The Big Tech stocks are beginning the year’s earnings season with mild optimism. After signs from the White House that President Donald Trump may be softening his scorched-earth tariff plan, the Magnificent Seven stocks have been up more than 6% this week. On Thursday, Google parent Alphabet Inc. will report its numbers and set the tone for a delicate run of results reminiscent of the Covid era’s confusion.
One of the seven, Tesla Inc., has already reported — though its unique position, and the political antics of its chief executive officer, have made it a permanent outlier in the group. The gain of about 5% in its shares after abysmal results holds few useful clues for investors wondering about how the crop of more easily compared tech giants will fare. Those companies aren’t as able to fend off the gravitational pull of reality.

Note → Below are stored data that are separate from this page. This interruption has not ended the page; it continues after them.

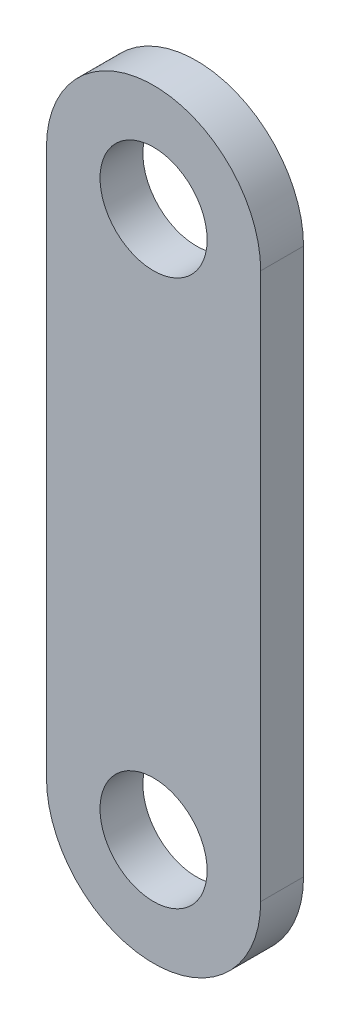
ISO-10303-21;
HEADER;
FILE_DESCRIPTION(('STEP AP214'),'2;1');
FILE_NAME('part.step','',(''),(''),'','','');
FILE_SCHEMA(('AUTOMOTIVE_DESIGN { 1 0 10303 214 1 1 1 1 }'));
ENDSEC;
DATA;
#1=APPLICATION_CONTEXT('core data for automotive mechanical design processes');
#2=APPLICATION_PROTOCOL_DEFINITION('international standard','automotive_design',2000,#1);
#3=PRODUCT_CONTEXT('',#1,'mechanical');
#4=PRODUCT('Part','Part','',(#3));
#5=PRODUCT_RELATED_PRODUCT_CATEGORY('part','',(#4));
#6=PRODUCT_DEFINITION_FORMATION('','',#4);
#7=PRODUCT_DEFINITION_CONTEXT('part definition',#1,'design');
#8=PRODUCT_DEFINITION('design','',#6,#7);
#9=PRODUCT_DEFINITION_SHAPE('','',#8);
#10=(LENGTH_UNIT() NAMED_UNIT(*) SI_UNIT(.MILLI.,.METRE.));
#11=(NAMED_UNIT(*) PLANE_ANGLE_UNIT() SI_UNIT($,.RADIAN.));
#12=(NAMED_UNIT(*) SI_UNIT($,.STERADIAN.) SOLID_ANGLE_UNIT());
#13=UNCERTAINTY_MEASURE_WITH_UNIT(LENGTH_MEASURE(1.E-05),#10,'distance_accuracy_value','');
#14=(GEOMETRIC_REPRESENTATION_CONTEXT(3) GLOBAL_UNCERTAINTY_ASSIGNED_CONTEXT((#13)) GLOBAL_UNIT_ASSIGNED_CONTEXT((#10,
#11,#12)) REPRESENTATION_CONTEXT('',''));
#15=CARTESIAN_POINT('',(0.,0.,0.));
#16=DIRECTION('',(0.,0.,1.));
#17=DIRECTION('',(1.,0.,0.));
#18=AXIS2_PLACEMENT_3D('',#15,#16,#17);
#19=CARTESIAN_POINT('',(0.,0.,20.));
#20=DIRECTION('',(0.,0.,1.));
#21=DIRECTION('',(1.,0.,0.));
#22=AXIS2_PLACEMENT_3D('',#19,#20,#21);
#23=PLANE('',#22);
#24=CARTESIAN_POINT('',(0.,255.,20.));
#25=DIRECTION('',(0.,0.,1.));
#26=DIRECTION('',(1.,0.,0.));
#27=AXIS2_PLACEMENT_3D('',#24,#25,#26);
#28=CIRCLE('',#27,25.);
#29=CARTESIAN_POINT('',(25.,255.,20.));
#30=VERTEX_POINT('',#29);
#31=EDGE_CURVE('E106',#30,#30,#28,.T.);
#32=ORIENTED_EDGE('',*,*,#31,.F.);
#33=EDGE_LOOP('',(#32));
#34=FACE_BOUND('',#33,.T.);
#35=CARTESIAN_POINT('',(0.,0.,20.));
#36=DIRECTION('',(0.,0.,1.));
#37=DIRECTION('',(1.,0.,0.));
#38=AXIS2_PLACEMENT_3D('',#35,#36,#37);
#39=CIRCLE('',#38,50.);
#40=CARTESIAN_POINT('',(-50.,0.,20.));
#41=VERTEX_POINT('',#40);
#42=CARTESIAN_POINT('',(50.,0.,20.));
#43=VERTEX_POINT('',#42);
#44=EDGE_CURVE('E93',#41,#43,#39,.T.);
#45=ORIENTED_EDGE('',*,*,#44,.T.);
#46=DIRECTION('',(0.,1.,0.));
#47=VECTOR('',#46,1.);
#48=CARTESIAN_POINT('',(50.,0.,20.));
#49=LINE('',#48,#47);
#50=CARTESIAN_POINT('',(50.,255.,20.));
#51=VERTEX_POINT('',#50);
#52=EDGE_CURVE('E88',#43,#51,#49,.T.);
#53=ORIENTED_EDGE('',*,*,#52,.T.);
#54=CARTESIAN_POINT('',(0.,255.,20.));
#55=DIRECTION('',(0.,0.,1.));
#56=DIRECTION('',(1.,0.,0.));
#57=AXIS2_PLACEMENT_3D('',#54,#55,#56);
#58=CIRCLE('',#57,50.);
#59=CARTESIAN_POINT('',(-50.,255.,20.));
#60=VERTEX_POINT('',#59);
#61=EDGE_CURVE('E90',#51,#60,#58,.T.);
#62=ORIENTED_EDGE('',*,*,#61,.T.);
#63=DIRECTION('',(0.,-1.,0.));
#64=VECTOR('',#63,1.);
#65=CARTESIAN_POINT('',(-50.,0.,20.));
#66=LINE('',#65,#64);
#67=EDGE_CURVE('E57',#60,#41,#66,.T.);
#68=ORIENTED_EDGE('',*,*,#67,.T.);
#69=EDGE_LOOP('',(#45,#53,#62,#68));
#70=FACE_BOUND('',#69,.T.);
#71=CARTESIAN_POINT('',(0.,0.,20.));
#72=DIRECTION('',(0.,0.,1.));
#73=DIRECTION('',(1.,0.,0.));
#74=AXIS2_PLACEMENT_3D('',#71,#72,#73);
#75=CIRCLE('',#74,25.);
#76=CARTESIAN_POINT('',(25.,0.,20.));
#77=VERTEX_POINT('',#76);
#78=EDGE_CURVE('E123',#77,#77,#75,.T.);
#79=ORIENTED_EDGE('',*,*,#78,.F.);
#80=EDGE_LOOP('',(#79));
#81=FACE_BOUND('',#80,.T.);
#82=ADVANCED_FACE('F39',(#34,#70,#81),#23,.T.);
#83=CARTESIAN_POINT('',(0.,0.,0.));
#84=DIRECTION('',(0.,0.,1.));
#85=DIRECTION('',(1.,0.,0.));
#86=AXIS2_PLACEMENT_3D('',#83,#84,#85);
#87=PLANE('',#86);
#88=CARTESIAN_POINT('',(0.,0.,0.));
#89=DIRECTION('',(0.,0.,1.));
#90=DIRECTION('',(1.,0.,0.));
#91=AXIS2_PLACEMENT_3D('',#88,#89,#90);
#92=CIRCLE('',#91,50.);
#93=CARTESIAN_POINT('',(-50.,0.,0.));
#94=VERTEX_POINT('',#93);
#95=CARTESIAN_POINT('',(50.,0.,0.));
#96=VERTEX_POINT('',#95);
#97=EDGE_CURVE('E103',#94,#96,#92,.T.);
#98=ORIENTED_EDGE('',*,*,#97,.F.);
#99=DIRECTION('',(0.,-1.,0.));
#100=VECTOR('',#99,1.);
#101=CARTESIAN_POINT('',(-50.,0.,0.));
#102=LINE('',#101,#100);
#103=CARTESIAN_POINT('',(-50.,255.,0.));
#104=VERTEX_POINT('',#103);
#105=EDGE_CURVE('E78',#104,#94,#102,.T.);
#106=ORIENTED_EDGE('',*,*,#105,.F.);
#107=CARTESIAN_POINT('',(0.,255.,0.));
#108=DIRECTION('',(0.,0.,1.));
#109=DIRECTION('',(1.,0.,0.));
#110=AXIS2_PLACEMENT_3D('',#107,#108,#109);
#111=CIRCLE('',#110,50.);
#112=CARTESIAN_POINT('',(50.,255.,0.));
#113=VERTEX_POINT('',#112);
#114=EDGE_CURVE('E71',#113,#104,#111,.T.);
#115=ORIENTED_EDGE('',*,*,#114,.F.);
#116=DIRECTION('',(0.,1.,0.));
#117=VECTOR('',#116,1.);
#118=CARTESIAN_POINT('',(50.,0.,0.));
#119=LINE('',#118,#117);
#120=EDGE_CURVE('E92',#96,#113,#119,.T.);
#121=ORIENTED_EDGE('',*,*,#120,.F.);
#122=EDGE_LOOP('',(#98,#106,#115,#121));
#123=FACE_BOUND('',#122,.T.);
#124=CARTESIAN_POINT('',(0.,255.,0.));
#125=DIRECTION('',(0.,0.,1.));
#126=DIRECTION('',(1.,0.,0.));
#127=AXIS2_PLACEMENT_3D('',#124,#125,#126);
#128=CIRCLE('',#127,25.);
#129=CARTESIAN_POINT('',(25.,255.,0.));
#130=VERTEX_POINT('',#129);
#131=EDGE_CURVE('E120',#130,#130,#128,.T.);
#132=ORIENTED_EDGE('',*,*,#131,.T.);
#133=EDGE_LOOP('',(#132));
#134=FACE_BOUND('',#133,.T.);
#135=CARTESIAN_POINT('',(0.,0.,0.));
#136=DIRECTION('',(0.,0.,1.));
#137=DIRECTION('',(1.,0.,0.));
#138=AXIS2_PLACEMENT_3D('',#135,#136,#137);
#139=CIRCLE('',#138,25.);
#140=CARTESIAN_POINT('',(25.,0.,0.));
#141=VERTEX_POINT('',#140);
#142=EDGE_CURVE('E125',#141,#141,#139,.T.);
#143=ORIENTED_EDGE('',*,*,#142,.T.);
#144=EDGE_LOOP('',(#143));
#145=FACE_BOUND('',#144,.T.);
#146=ADVANCED_FACE('F111',(#123,#134,#145),#87,.F.);
#147=CARTESIAN_POINT('',(0.,0.,20.));
#148=DIRECTION('',(0.,0.,-1.));
#149=DIRECTION('',(-1.,0.,0.));
#150=AXIS2_PLACEMENT_3D('',#147,#148,#149);
#151=CYLINDRICAL_SURFACE('',#150,50.);
#152=ORIENTED_EDGE('',*,*,#97,.T.);
#153=DIRECTION('',(0.,0.,-1.));
#154=VECTOR('',#153,1.);
#155=CARTESIAN_POINT('',(50.,0.,20.));
#156=LINE('',#155,#154);
#157=EDGE_CURVE('E11',#43,#96,#156,.T.);
#158=ORIENTED_EDGE('',*,*,#157,.F.);
#159=ORIENTED_EDGE('',*,*,#44,.F.);
#160=DIRECTION('',(0.,0.,-1.));
#161=VECTOR('',#160,1.);
#162=CARTESIAN_POINT('',(-50.,0.,20.));
#163=LINE('',#162,#161);
#164=EDGE_CURVE('E97',#41,#94,#163,.T.);
#165=ORIENTED_EDGE('',*,*,#164,.T.);
#166=EDGE_LOOP('',(#152,#158,#159,#165));
#167=FACE_BOUND('',#166,.T.);
#168=ADVANCED_FACE('F41',(#167),#151,.T.);
#169=CARTESIAN_POINT('',(50.,0.,20.));
#170=DIRECTION('',(-1.,0.,0.));
#171=DIRECTION('',(0.,0.,1.));
#172=AXIS2_PLACEMENT_3D('',#169,#170,#171);
#173=PLANE('',#172);
#174=ORIENTED_EDGE('',*,*,#120,.T.);
#175=DIRECTION('',(0.,0.,-1.));
#176=VECTOR('',#175,1.);
#177=CARTESIAN_POINT('',(50.,255.,20.));
#178=LINE('',#177,#176);
#179=EDGE_CURVE('E48',#51,#113,#178,.T.);
#180=ORIENTED_EDGE('',*,*,#179,.F.);
#181=ORIENTED_EDGE('',*,*,#52,.F.);
#182=ORIENTED_EDGE('',*,*,#157,.T.);
#183=EDGE_LOOP('',(#174,#180,#181,#182));
#184=FACE_BOUND('',#183,.T.);
#185=ADVANCED_FACE('F94',(#184),#173,.F.);
#186=CARTESIAN_POINT('',(0.,255.,20.));
#187=DIRECTION('',(0.,0.,-1.));
#188=DIRECTION('',(-1.,0.,0.));
#189=AXIS2_PLACEMENT_3D('',#186,#187,#188);
#190=CYLINDRICAL_SURFACE('',#189,50.);
#191=ORIENTED_EDGE('',*,*,#114,.T.);
#192=DIRECTION('',(0.,0.,-1.));
#193=VECTOR('',#192,1.);
#194=CARTESIAN_POINT('',(-50.,255.,20.));
#195=LINE('',#194,#193);
#196=EDGE_CURVE('E96',#60,#104,#195,.T.);
#197=ORIENTED_EDGE('',*,*,#196,.F.);
#198=ORIENTED_EDGE('',*,*,#61,.F.);
#199=ORIENTED_EDGE('',*,*,#179,.T.);
#200=EDGE_LOOP('',(#191,#197,#198,#199));
#201=FACE_BOUND('',#200,.T.);
#202=ADVANCED_FACE('F100',(#201),#190,.T.);
#203=CARTESIAN_POINT('',(-50.,0.,20.));
#204=DIRECTION('',(1.,0.,0.));
#205=DIRECTION('',(0.,0.,-1.));
#206=AXIS2_PLACEMENT_3D('',#203,#204,#205);
#207=PLANE('',#206);
#208=ORIENTED_EDGE('',*,*,#105,.T.);
#209=ORIENTED_EDGE('',*,*,#164,.F.);
#210=ORIENTED_EDGE('',*,*,#67,.F.);
#211=ORIENTED_EDGE('',*,*,#196,.T.);
#212=EDGE_LOOP('',(#208,#209,#210,#211));
#213=FACE_BOUND('',#212,.T.);
#214=ADVANCED_FACE('F112',(#213),#207,.F.);
#215=CARTESIAN_POINT('',(0.,255.,20.));
#216=DIRECTION('',(0.,0.,-1.));
#217=DIRECTION('',(-1.,0.,0.));
#218=AXIS2_PLACEMENT_3D('',#215,#216,#217);
#219=CYLINDRICAL_SURFACE('',#218,25.);
#220=ORIENTED_EDGE('',*,*,#31,.T.);
#221=EDGE_LOOP('',(#220));
#222=FACE_BOUND('',#221,.T.);
#223=ORIENTED_EDGE('',*,*,#131,.F.);
#224=EDGE_LOOP('',(#223));
#225=FACE_BOUND('',#224,.T.);
#226=ADVANCED_FACE('F143',(#222,#225),#219,.F.);
#227=CARTESIAN_POINT('',(0.,0.,20.));
#228=DIRECTION('',(0.,0.,-1.));
#229=DIRECTION('',(-1.,0.,0.));
#230=AXIS2_PLACEMENT_3D('',#227,#228,#229);
#231=CYLINDRICAL_SURFACE('',#230,25.);
#232=ORIENTED_EDGE('',*,*,#78,.T.);
#233=EDGE_LOOP('',(#232));
#234=FACE_BOUND('',#233,.T.);
#235=ORIENTED_EDGE('',*,*,#142,.F.);
#236=EDGE_LOOP('',(#235));
#237=FACE_BOUND('',#236,.T.);
#238=ADVANCED_FACE('F128',(#234,#237),#231,.F.);
#239=CLOSED_SHELL('',(#82,#146,#168,#185,#202,#214,#226,#238));
#240=MANIFOLD_SOLID_BREP('B2',#239);
#241=ADVANCED_BREP_SHAPE_REPRESENTATION('',(#18,#240),#14);
#242=SHAPE_DEFINITION_REPRESENTATION(#9,#241);
ENDSEC;
END-ISO-10303-21;

Analysts for all six of the other members — Alphabet, Amazon.com Inc., Meta Platforms Inc., Apple Inc., Nvidia Corp. and Microsoft Corp. — have lowered price targets since the tariff “Liberation Day” on April 2 threw projections into disarray. Apple has experienced the most severe cut: As of Wednesday, Bloomberg consensus data suggested analysts predict its stock will be $235.95 in 12 months, 7% lower than the expectation before the tariff tumult and what would amount to a valuation difference of $267 billion.

Whether or not the pulled-back predictions are proportionate isn’t likely to become all that much clearer by the end of this earnings season. But, while the companies can’t offer clarity on tariffs, investors will want firmer direction on the more practical business of breaking ground on new data centers to accommodate the growth of artificial intelligence.
Heading into the year, the Big Tech companies pledged capital investments of more than $325 billion, the biggest bet on an unproven technology in the history of the industry. Since then, there have been conflicting signals. Microsoft’s head of cloud operations, Noelle Walsh, wrote on LinkedIn that the company was “slowing or pausing some early-stage projects” as it related to building data centers. A Wells Fargo analyst note reaffirmed the Microsoft pullback and added that the other biggest player, Amazon’s AWS, had “paused a portion of its leasing discussions on the colocation side.” (Colocation, in this context, typically means leasing data center resources from a third party.)
However, AWS head of global data centers, Kevin Miller, took to LinkedIn to stress that any canceled or paused deals should not be read as indicators of much. The maneuvers were just part and parcel of the expansion process, something the company has been doing for “almost two decades.” “That experience has taught us to consider multiple solutions in parallel,” Miller wrote. “Some options might end up costing too much, while others might not deliver when we need the capacity. Other times, we find that we need more capacity in one location and less in another.”
Expect analysts on the earnings calls to seek greater clarity. In offering it, each company will strive to thread a needle: Costs can’t spiral, nor can they risk pulling back so far they fall behind in the race for the ultimate AI prize, whatever that may actually be.
As I wrote earlier this month, the AI cost equation has become even more pressurized thanks to the uncertainty that tariffs are bringing into the companies’ legacy businesses. Investors worry about developments like Chinese advertisers moving away from Meta’s platform; Chinese sellers stepping back from Amazon’s e-commerce store; and the entire supply chain eating into the margins of Apple’s iPhone. For Nvidia, which as always will arrive fashionably late in earnings season, on May 28, there is now the question of not being able to sell its H20 chip to China and what retaliatory measures might follow.
The big questions will go unanswered this season. Some nuggets of insight might come if top executives share with investors any details of their direct discussions with the president and his team, such as Apple CEO Tim Cook’s calls on tariffs or Nvidia CEO Jensen Huang’s meeting and photo op at Mar-a-Lago.
But if investors are waiting expectantly for meaningful forward guidance, they should temper those hopes. If there’s one similarity that can be drawn from Tesla to the rest of the pack, it’s that predicting the future in Trump’s economic regime is as futile as it was during the Covid pandemic, when companies threw their hands up and simply said they didn’t know what was coming next. On Tuesday, Tesla said it would not offer any guidance for 2025 until at least the next quarter’s earnings. Expect the same from the rest of the Magnificent Seven.